Politics, Philosophy and Law -Review of modules taken

Samantha Holden | Politics, Philosophy and Law (PPL) Contact Samantha

Year 1 seems like yesterday but my degree is coming to an end. Here is a brief review of my three years completing the degree.

First Year:

For me, year 1 was the most difficult trying to adjust from school to university living as well as moving away from home. The modules for me were pretty much prescribed. This has it advantages such as getting to meet your coursemates and all being in the same boat but it can make it harder to motivate yourself if you are not interested in the module.

What is International Year One? - Choosing a university

My favourite module in year 1 was Tort law as I felt able to use my legal knowledge in a situation. I liked that each week we built on the knowledge from the week before. Intro to PPL was also fascinating from an interdisciplinary perspective which was a key reason I had chosen the degree. Intro to Phil was not my favourite as I did not like the weeks about logic but on reflection, it was important to do these topics as they taught me how to think philosophically. Intro to Pol was a module I also learned more than just content. This module was essential for teaching me how to write academic essays. This is a skill you will develop in your university journey but I would highly recommend you use your PAIS tutors to develop your academic writing style.

Year 2

I really enjoyed year 2 despite it coming to an abrupt end due to COVID-19. I enjoyed being able to choose modules.

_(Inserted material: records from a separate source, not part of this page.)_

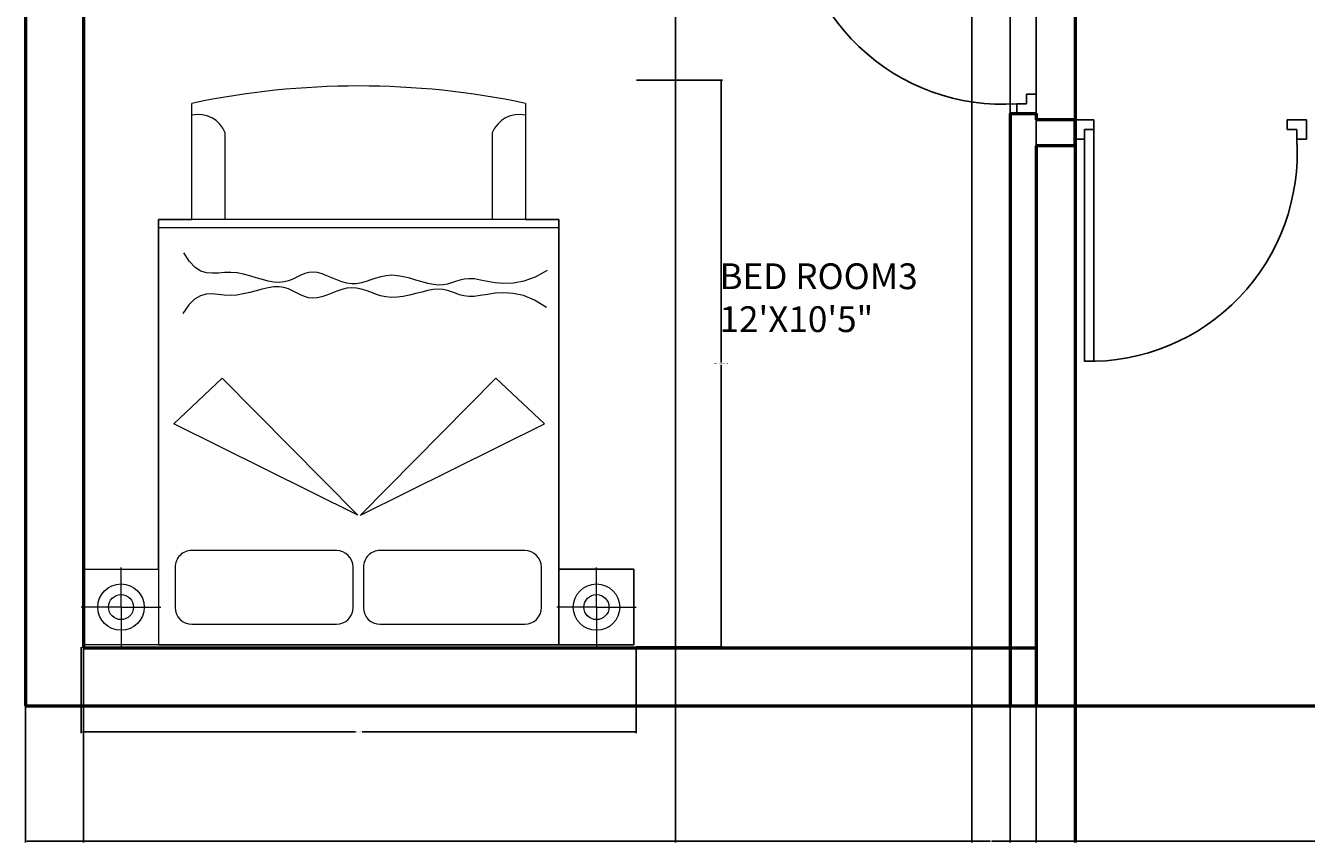
# Model space of a CAD drawing. Units: inches. Extents: x 1798 to 2141, y 1923 to 2386.
# Tile 1 of 9: x 1820 to 2019, y 1923 to 2050. Entities that reach past the tile are written whole.
import ezdxf

# ---------------------------------------------------------------- set-up
doc = ezdxf.new("R2010")
doc.units = ezdxf.units.IN
for name, color, linetype, lineweight in [('A-ANNO-DIMS', 2, 'Continuous', 18), ('A-AREA-IDEN', 7, 'Continuous', 25), ('A-FURN', 8, 'Continuous', 13), ('door', 40, 'Continuous', 25), ('wall', 4, 'Continuous', 50)]:
    doc.layers.add(name, color=color, linetype=linetype, lineweight=lineweight)
doc.styles.get("Standard").update_dxf_attribs({"font": 'arial.ttf'})
doc.dimstyles.get("Standard").update_dxf_attribs({"dimtxt": 0.18, "dimasz": 0.18, "dimexe": 0.18, "dimexo": 0.0625, "dimgap": 0.09, "dimtad": 0, "dimtih": 1, "dimtoh": 1, "dimdec": 4, "dimzin": 0, "dimdsep": 46, "dimtxsty": 'Standard', "dimcen": 0.09, "dimadec": 0, "dimazin": 0, "dimtfac": 1, "dimtdec": 4, "dimtofl": 0, "dimtmove": 0, "dimatfit": 3, "dimfxl": 1, "dimtolj": 1, "dimtzin": 0, "dimarcsym": 0})

# ---------------------------------------------------------------- blocks, each defined once
blk = doc.blocks.new('A$C4F543DC7')
for p, q in [((0.0134, 3.35, -0.1688), (3.3134, 3.35, -0.1688)), ((0.4634, 3.35, -0.1688), (0.0134, 3.35, -0.1688)), ((0.0134, 2.896, -0.1688), (0.0134, 3.35, -0.1688)), ((0.0134, 3.35, -0.1688), (0.0134, 2.896, -0.1688)), ((0.2381, 3.1233, -0.4388), (0.2381, 3.3614, -0.4388)), ((0.4634, 3.35, -0.1688), (0.4634, 0.8, -0.1688)), ((2.8634, 3.35, -0.1688), (0.4634, 3.35, -0.1688)), ((0.4634, 2.896, -0.1688), (0.4634, 3.35, -0.1688)), ((2.8634, 0.8, -0.1688), (2.8634, 3.35, -0.1688)), ((2.8634, 3.35, -0.1688), (3.3134, 3.35, -0.1688)), ((2.8634, 2.896, -0.1688), (2.8634, 3.35, -0.1688)), ((3.0888, 3.1233, -0.4388), (3.0888, 3.3614, -0.4388)), ((3.3134, 3.35, -0.1688), (3.3134, 2.896, -0.1688)), ((3.3134, 3.35, -0.1688), (3.3134, 2.896, -0.1688)), ((1.5354, 3.226, -0.1688), (0.6684, 3.226, -0.1688)), ((2.6644, 3.226, -0.1688), (1.7974, 3.226, -0.1688)), ((0.2381, 3.1233, -0.4388), (0, 3.1233, -0.4388)), ((0.2381, 3.1233, -0.4388), (0.4762, 3.1233, -0.4388)), ((0.2381, 3.1233, -0.4388), (0.2381, 2.8852, -0.4388)), ((0.5684, 3.126, -0.1688), (0.5684, 2.884, -0.1688)), ((1.6354, 2.884, -0.1688), (1.6354, 3.126, -0.1688)), ((1.6974, 3.126, -0.1688), (1.6974, 2.884, -0.1688)), ((2.7644, 2.884, -0.1688), (2.7644, 3.126, -0.1688)), ((3.0888, 3.1233, -0.4388), (2.8507, 3.1233, -0.4388)), ((3.0888, 3.1233, -0.4388), (3.0888, 2.8852, -0.4388)), ((3.0888, 3.1233, -0.4388), (3.3269, 3.1233, -0.4388)), ((0.4634, 2.896, -0.1688), (0.0134, 2.896, -0.1688)), ((0.0134, 2.896, -0.1688), (0.4634, 2.896, -0.1688)), ((0.4634, 0.8, -0.1688), (0.4634, 2.896, -0.1688)), ((2.8634, 2.896, -0.1688), (2.8634, 0.8, -0.1688)), ((3.3134, 2.896, -0.1688), (2.8634, 2.896, -0.1688)), ((3.3134, 2.896, -0.1688), (2.8634, 2.896, -0.1688)), ((0.6684, 2.784, -0.1688), (1.5354, 2.784, -0.1688)), ((1.7974, 2.784, -0.1688), (2.6644, 2.784, -0.1688)), ((1.6534, 2.573, -0.1688), (0.5504, 2.025, -0.1688)), ((0.8414, 1.752, -0.1688), (1.6534, 2.573, -0.1688)), ((2.4814, 1.752, -0.1688), (1.6694, 2.573, -0.1688)), ((1.6694, 2.573, -0.1688), (2.7724, 2.025, -0.1688)), ((0.5504, 2.025, -0.1688), (0.8414, 1.752, -0.1688)), ((2.7724, 2.025, -0.1688), (2.4814, 1.752, -0.1688)), ((0.5369, 1.3267, -0.1688), (0.6088, 1.2835, -0.1688)), ((2.6479, 1.2774, -0.1688), (2.683, 1.312, -0.1688)), ((2.683, 1.312, -0.1688), (2.7182, 1.3641, -0.1688)), ((0.6088, 1.2835, -0.1688), (0.6756, 1.2566, -0.1688)), ((0.6756, 1.2566, -0.1688), (0.7373, 1.2428, -0.1688)), ((0.7373, 1.2428, -0.1688), (0.794, 1.239, -0.1688)), ((0.794, 1.239, -0.1688), (0.8457, 1.242, -0.1688)), ((0.8457, 1.242, -0.1688), (0.8925, 1.2489, -0.1688)), ((0.8925, 1.2489, -0.1688), (0.9345, 1.2564, -0.1688)), ((0.9345, 1.2564, -0.1688), (0.9718, 1.2615, -0.1688)), ((0.9718, 1.2615, -0.1688), (1.0044, 1.2617, -0.1688)), ((1.0044, 1.2617, -0.1688), (1.0334, 1.2578, -0.1688)), ((1.0334, 1.2578, -0.1688), (1.0597, 1.2509, -0.1688)), ((1.0597, 1.2509, -0.1688), (1.0842, 1.2424, -0.1688)), ((1.0842, 1.2424, -0.1688), (1.1081, 1.2336, -0.1688)), ((1.1081, 1.2336, -0.1688), (1.1322, 1.2257, -0.1688)), ((1.2498, 1.2264, -0.1688), (1.2852, 1.2347, -0.1688)), ((1.2852, 1.2347, -0.1688), (1.3218, 1.2441, -0.1688)), ((1.3218, 1.2441, -0.1688), (1.3591, 1.2533, -0.1688)), ((1.3591, 1.2533, -0.1688), (1.3963, 1.2612, -0.1688)), ((1.3963, 1.2612, -0.1688), (1.4328, 1.2664, -0.1688)), ((1.4328, 1.2664, -0.1688), (1.4679, 1.2677, -0.1688)), ((1.4679, 1.2677, -0.1688), (1.501, 1.2643, -0.1688)), ((1.501, 1.2643, -0.1688), (1.5324, 1.257, -0.1688)), ((1.5324, 1.257, -0.1688), (1.5624, 1.2473, -0.1688)), ((1.5624, 1.2473, -0.1688), (1.5915, 1.2365, -0.1688)), ((1.5915, 1.2365, -0.1688), (1.6199, 1.2259, -0.1688)), ((1.7651, 1.2199, -0.1688), (1.7955, 1.2301, -0.1688)), ((1.7955, 1.2301, -0.1688), (1.8258, 1.2417, -0.1688)), ((1.8258, 1.2417, -0.1688), (1.8557, 1.2531, -0.1688)), ((1.8557, 1.2531, -0.1688), (1.8849, 1.263, -0.1688)), ((1.8849, 1.263, -0.1688), (1.913, 1.2698, -0.1688)), ((1.913, 1.2698, -0.1688), (1.9397, 1.2722, -0.1688)), ((1.9397, 1.2722, -0.1688), (1.9649, 1.2692, -0.1688)), ((1.9649, 1.2692, -0.1688), (1.989, 1.2617, -0.1688)), ((1.989, 1.2617, -0.1688), (2.0124, 1.2512, -0.1688)), ((2.0124, 1.2512, -0.1688), (2.0359, 1.2391, -0.1688)), ((2.0359, 1.2391, -0.1688), (2.0599, 1.2269, -0.1688)), ((2.2791, 1.2279, -0.1688), (2.3173, 1.2378, -0.1688)), ((2.3173, 1.2378, -0.1688), (2.3558, 1.2465, -0.1688)), ((2.3558, 1.2465, -0.1688), (2.3944, 1.2527, -0.1688)), ((2.3944, 1.2527, -0.1688), (2.4325, 1.255, -0.1688)), ((2.4325, 1.255, -0.1688), (2.4698, 1.2529, -0.1688)), ((2.4698, 1.2529, -0.1688), (2.5064, 1.2488, -0.1688)), ((2.5064, 1.2488, -0.1688), (2.5423, 1.2459, -0.1688)), ((2.5423, 1.2459, -0.1688), (2.5777, 1.2476, -0.1688)), ((2.5777, 1.2476, -0.1688), (2.6129, 1.257, -0.1688)), ((2.6129, 1.257, -0.1688), (2.6479, 1.2774, -0.1688)), ((0.6067, 1.1458, -0.1688), (0.6743, 1.1706, -0.1688)), ((0.6743, 1.1706, -0.1688), (0.7364, 1.1825, -0.1688)), ((0.7364, 1.1825, -0.1688), (0.7931, 1.1846, -0.1688)), ((0.7931, 1.1846, -0.1688), (0.8447, 1.1799, -0.1688)), ((0.8447, 1.1799, -0.1688), (0.8913, 1.1716, -0.1688)), ((0.8913, 1.1716, -0.1688), (0.9331, 1.1628, -0.1688)), ((0.9331, 1.1628, -0.1688), (0.9701, 1.1565, -0.1688)), ((0.9701, 1.1565, -0.1688), (1.0027, 1.1552, -0.1688)), ((1.0027, 1.1552, -0.1688), (1.0318, 1.1582, -0.1688)), ((1.0318, 1.1582, -0.1688), (1.0583, 1.1642, -0.1688)), ((1.0583, 1.1642, -0.1688), (1.0831, 1.172, -0.1688)), ((1.0831, 1.172, -0.1688), (1.1072, 1.18, -0.1688)), ((1.1072, 1.18, -0.1688), (1.1316, 1.1872, -0.1688)), ((1.1316, 1.1872, -0.1688), (1.1573, 1.192, -0.1688)), ((1.1322, 1.2257, -0.1688), (1.1577, 1.2201, -0.1688)), ((1.1573, 1.192, -0.1688), (1.1851, 1.1932, -0.1688)), ((1.1577, 1.2201, -0.1688), (1.1855, 1.218, -0.1688)), ((1.1851, 1.1932, -0.1688), (1.2158, 1.1898, -0.1688)), ((1.1855, 1.218, -0.1688), (1.2163, 1.2204, -0.1688)), ((1.2158, 1.1898, -0.1688), (1.2491, 1.1828, -0.1688)), ((1.2163, 1.2204, -0.1688), (1.2498, 1.2264, -0.1688)), ((1.2491, 1.1828, -0.1688), (1.2842, 1.1734, -0.1688)), ((1.2842, 1.1734, -0.1688), (1.3206, 1.1629, -0.1688)), ((1.3206, 1.1629, -0.1688), (1.3575, 1.1524, -0.1688)), ((1.3575, 1.1524, -0.1688), (1.3945, 1.1434, -0.1688)), ((1.5306, 1.1433, -0.1688), (1.5609, 1.152, -0.1688)), ((1.5609, 1.152, -0.1688), (1.5903, 1.1619, -0.1688)), ((1.5903, 1.1619, -0.1688), (1.6191, 1.1716, -0.1688)), ((1.6191, 1.1716, -0.1688), (1.6475, 1.1797, -0.1688)), ((1.6199, 1.2259, -0.1688), (1.6481, 1.2169, -0.1688)), ((1.6475, 1.1797, -0.1688), (1.676, 1.1849, -0.1688)), ((1.6481, 1.2169, -0.1688), (1.6765, 1.2108, -0.1688)), ((1.676, 1.1849, -0.1688), (1.7049, 1.1858, -0.1688)), ((1.6765, 1.2108, -0.1688), (1.7053, 1.209, -0.1688)), ((1.7049, 1.1858, -0.1688), (1.7344, 1.1816, -0.1688)), ((1.7053, 1.209, -0.1688), (1.7349, 1.2124, -0.1688)), ((1.7344, 1.1816, -0.1688), (1.7643, 1.1731, -0.1688)), ((1.7349, 1.2124, -0.1688), (1.7651, 1.2199, -0.1688)), ((1.7643, 1.1731, -0.1688), (1.7944, 1.1619, -0.1688)), ((1.7944, 1.1619, -0.1688), (1.8244, 1.1494, -0.1688)), ((2.0344, 1.1454, -0.1688), (2.0588, 1.1568, -0.1688)), ((2.0588, 1.1568, -0.1688), (2.0842, 1.167, -0.1688)), ((2.0599, 1.2269, -0.1688), (2.0849, 1.216, -0.1688)), ((2.0842, 1.167, -0.1688), (2.1112, 1.1743, -0.1688)), ((2.0849, 1.216, -0.1688), (2.1117, 1.2077, -0.1688)), ((2.1112, 1.1743, -0.1688), (2.1403, 1.1775, -0.1688)), ((2.1117, 1.2077, -0.1688), (2.1407, 1.2037, -0.1688)), ((2.1403, 1.1775, -0.1688), (2.1718, 1.1755, -0.1688)), ((2.1407, 1.2037, -0.1688), (2.1723, 1.2047, -0.1688)), ((2.1718, 1.1755, -0.1688), (2.2056, 1.1691, -0.1688)), ((2.1723, 1.2047, -0.1688), (2.2062, 1.21, -0.1688)), ((2.2056, 1.1691, -0.1688), (2.2411, 1.1598, -0.1688)), ((2.2062, 1.21, -0.1688), (2.242, 1.2182, -0.1688)), ((2.2411, 1.1598, -0.1688), (2.2779, 1.1489, -0.1688)), ((2.242, 1.2182, -0.1688), (2.2791, 1.2279, -0.1688)), ((0.5334, 1.105, -0.1688), (0.6067, 1.1458, -0.1688)), ((1.3945, 1.1434, -0.1688), (1.4308, 1.1371, -0.1688)), ((1.4308, 1.1371, -0.1688), (1.4658, 1.1347, -0.1688)), ((1.4658, 1.1347, -0.1688), (1.499, 1.137, -0.1688)), ((1.499, 1.137, -0.1688), (1.5306, 1.1433, -0.1688)), ((1.8244, 1.1494, -0.1688), (1.8539, 1.137, -0.1688)), ((1.8539, 1.137, -0.1688), (1.8827, 1.1263, -0.1688)), ((1.8827, 1.1263, -0.1688), (1.9106, 1.1186, -0.1688)), ((1.9106, 1.1186, -0.1688), (1.9373, 1.1153, -0.1688)), ((1.9373, 1.1153, -0.1688), (1.9625, 1.1176, -0.1688)), ((1.9625, 1.1176, -0.1688), (1.9868, 1.1243, -0.1688)), ((1.9868, 1.1243, -0.1688), (2.0106, 1.134, -0.1688)), ((2.0106, 1.134, -0.1688), (2.0344, 1.1454, -0.1688)), ((2.2779, 1.1489, -0.1688), (2.3157, 1.1379, -0.1688)), ((2.3157, 1.1379, -0.1688), (2.354, 1.1279, -0.1688)), ((2.354, 1.1279, -0.1688), (2.3923, 1.1205, -0.1688)), ((2.3923, 1.1205, -0.1688), (2.4304, 1.117, -0.1688)), ((2.4304, 1.117, -0.1688), (2.4677, 1.118, -0.1688)), ((2.4677, 1.118, -0.1688), (2.5043, 1.1209, -0.1688)), ((2.5043, 1.1209, -0.1688), (2.5403, 1.1226, -0.1688)), ((2.5403, 1.1226, -0.1688), (2.5757, 1.1199, -0.1688)), ((2.5757, 1.1199, -0.1688), (2.6106, 1.1094, -0.1688)), ((2.6106, 1.1094, -0.1688), (2.645, 1.0879, -0.1688)), ((2.645, 1.0879, -0.1688), (2.6789, 1.0522, -0.1688)), ((2.6789, 1.0522, -0.1688), (2.7124, 0.999, -0.1688)), ((0.4634, 0.85, -0.1688), (2.8634, 0.85, -0.1688)), ((0.4634, 0.8, -0.1688), (2.8634, 0.8, -0.1688)), ((0.6634, 0.8, -0.1688), (0.4634, 0.8, -0.1688)), ((0.6634, 0.8, -0.1688), (2.6634, 0.8, -0.1688)), ((0.6634, 0.104, -0.1688), (0.6634, 0.8, -0.1688)), ((0.6634, 0.104, -0.1688), (0.6634, 0.8, -0.1688)), ((0.8634, 0.281, -0.1688), (0.8634, 0.8, -0.1688)), ((2.4634, 0.8, -0.1688), (2.4634, 0.281, -0.1688)), ((2.8634, 0.8, -0.1688), (2.6634, 0.8, -0.1688)), ((2.6634, 0.8, -0.1688), (2.6634, 0.104, -0.1688)), ((2.6634, 0.8, -0.1688), (2.6634, 0.104, -0.1688))]:
    blk.add_line(p, q)
for centre, radius in [((0.2381, 3.1233, -0.4388), 0.139), ((3.0888, 3.1233, -0.4388), 0.139), ((0.2381, 3.1233, -0.4388), 0.075), ((3.0888, 3.1233, -0.4388), 0.075)]:
    blk.add_circle(centre, radius)
for centre, radius, start, end in [((0.6684, 3.126, -0.1688), 0.1, 90, 180), ((1.5354, 3.126, -0.1688), 0.1, 0, 90), ((1.7974, 3.126, -0.1688), 0.1, 90, 180), ((2.6644, 3.126, -0.1688), 0.1, 0, 90), ((0.6684, 2.884, -0.1688), 0.1, 180, 270), ((1.5354, 2.884, -0.1688), 0.1, 270, 0), ((1.7974, 2.884, -0.1688), 0.1, 180, 270), ((2.6644, 2.884, -0.1688), 0.1, 270, 0), ((0.6994, 0.3472, -0.1688), 0.1769, 258.2616, 338.03196), ((2.6275, 0.3472, -0.1688), 0.1769, 201.96804, 281.7384), ((1.6634, 4.8597, -0.1688), 4.8597, 258.12517, 281.87483), ((1.6634, 4.8597, -0.1688), 4.8597, 258.12517, 281.87483)]:
    blk.add_arc(centre, radius, start, end)
blk = doc.blocks.new('DOOR-SWING-36IN')
for p, q in [((1.5, 1.5), (1.5, 37.5)), ((3, 1.5), (3, 37.5)), ((0, 3), (0, 0)), ((1.5, 3), (0, 3)), ((1.5, 1.5), (1.5, 3)), ((34.5, 1.5), (34.5, 3)), ((34.5, 3), (36, 3)), ((36, 3), (36, 0)), ((3, 1.5), (1.5, 1.5)), ((3, 0), (3, 1.5)), ((33, 0), (33, 1.5)), ((33, 1.5), (34.5, 1.5)), ((0, 0), (3, 0)), ((36, 0), (33, 0))]:
    blk.add_line(p, q)
blk.add_arc((2.25, 5.18), 32.32, 356.1244, 91.3295)
blk = doc.blocks.new('*D17')
at = {"layer": 'A-ANNO-DIMS', "color": 0, "lineweight": -2, "transparency": 16777216}
for p, q in [((1914.45, 2041.5), (1927.77, 2041.5)), ((1927.59, 2041.32), (1927.59, 1997.67)), ((1927.59, 1953.67), (1927.59, 1997.31)), ((1914.45, 1953.49), (1927.77, 1953.49))]:
    blk.add_line(p, q, dxfattribs=at)
at = {"layer": 'A-ANNO-DIMS', "color": 0, "transparency": 16777216}
for points in [[(1927.56, 2041.32), (1927.62, 2041.32), (1927.59, 2041.5)], [(1927.56, 1953.67), (1927.62, 1953.67), (1927.59, 1953.49)]]:
    blk.add_solid(points, dxfattribs=at)
at = {"layer": 'Defpoints', "color": 0, "transparency": 16777216}
for p in [(1914.38, 2041.5), (1914.38, 1953.49), (1927.59, 1953.49)]:
    blk.add_point(p, dxfattribs=at)
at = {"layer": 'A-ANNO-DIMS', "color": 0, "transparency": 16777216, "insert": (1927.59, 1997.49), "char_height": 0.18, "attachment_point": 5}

Gender and the law– taking this module requires the ability to combine political and legal knowledge and allowed me to research the political and legal aspects of surrogacy as your second assessed essay is on a topic of your choice.

Infrastructure for gender equality and the empowerment of women | UNOPS

International Security– this module pleasantly surprised me. I did not really have an interest in security but found it incredibly inciteful. We covered topics from environmental security, traditional security to whether COVID-19 was a security issue. I wrote my essays on how to tackle terrorism/cyber terrorism and poverty as a security issue.

ESA - ESA practices cybersecurity

Constitutional and Administrative Law– initially this module sounded dull but was very interesting as it shows how government works and holding the government to account. Anyone interested in politics should take this module. I like that the cases were current and was not just statutes but an application to real life. There is a lot of information in this module so try to stay on top of the work week by week (easier said than done I know).

Constitutional and Administrative Law : A. W. Bradley (author), :  9781292185866 : Blackwell's

Ethics and Applied Ethics– Ethics is more theoretical whereas Applied Ethics is looking at situations in the world and discussing them from ethical perspectives. I had taken Ethics as a module at A-level but this was nothing like the module at university. Personally I preferred some weeks to others and found it quite difficult to achieve high marks compared to my other modules; perhaps this is because my heart was not in philosophy as much as it is in Law and Politics.

Exploring the Ethics of Genetic Testing: Where Does Duty Begin and End? |  Technology Networks

Year 3

When choosing my modules for third year I reflected on year 1 and 2 and decided that I would leave Philosophy behind and so have taken Law, Politics and Law modules. I have a lot to say about 3rd year modules so will leave this to another blog post.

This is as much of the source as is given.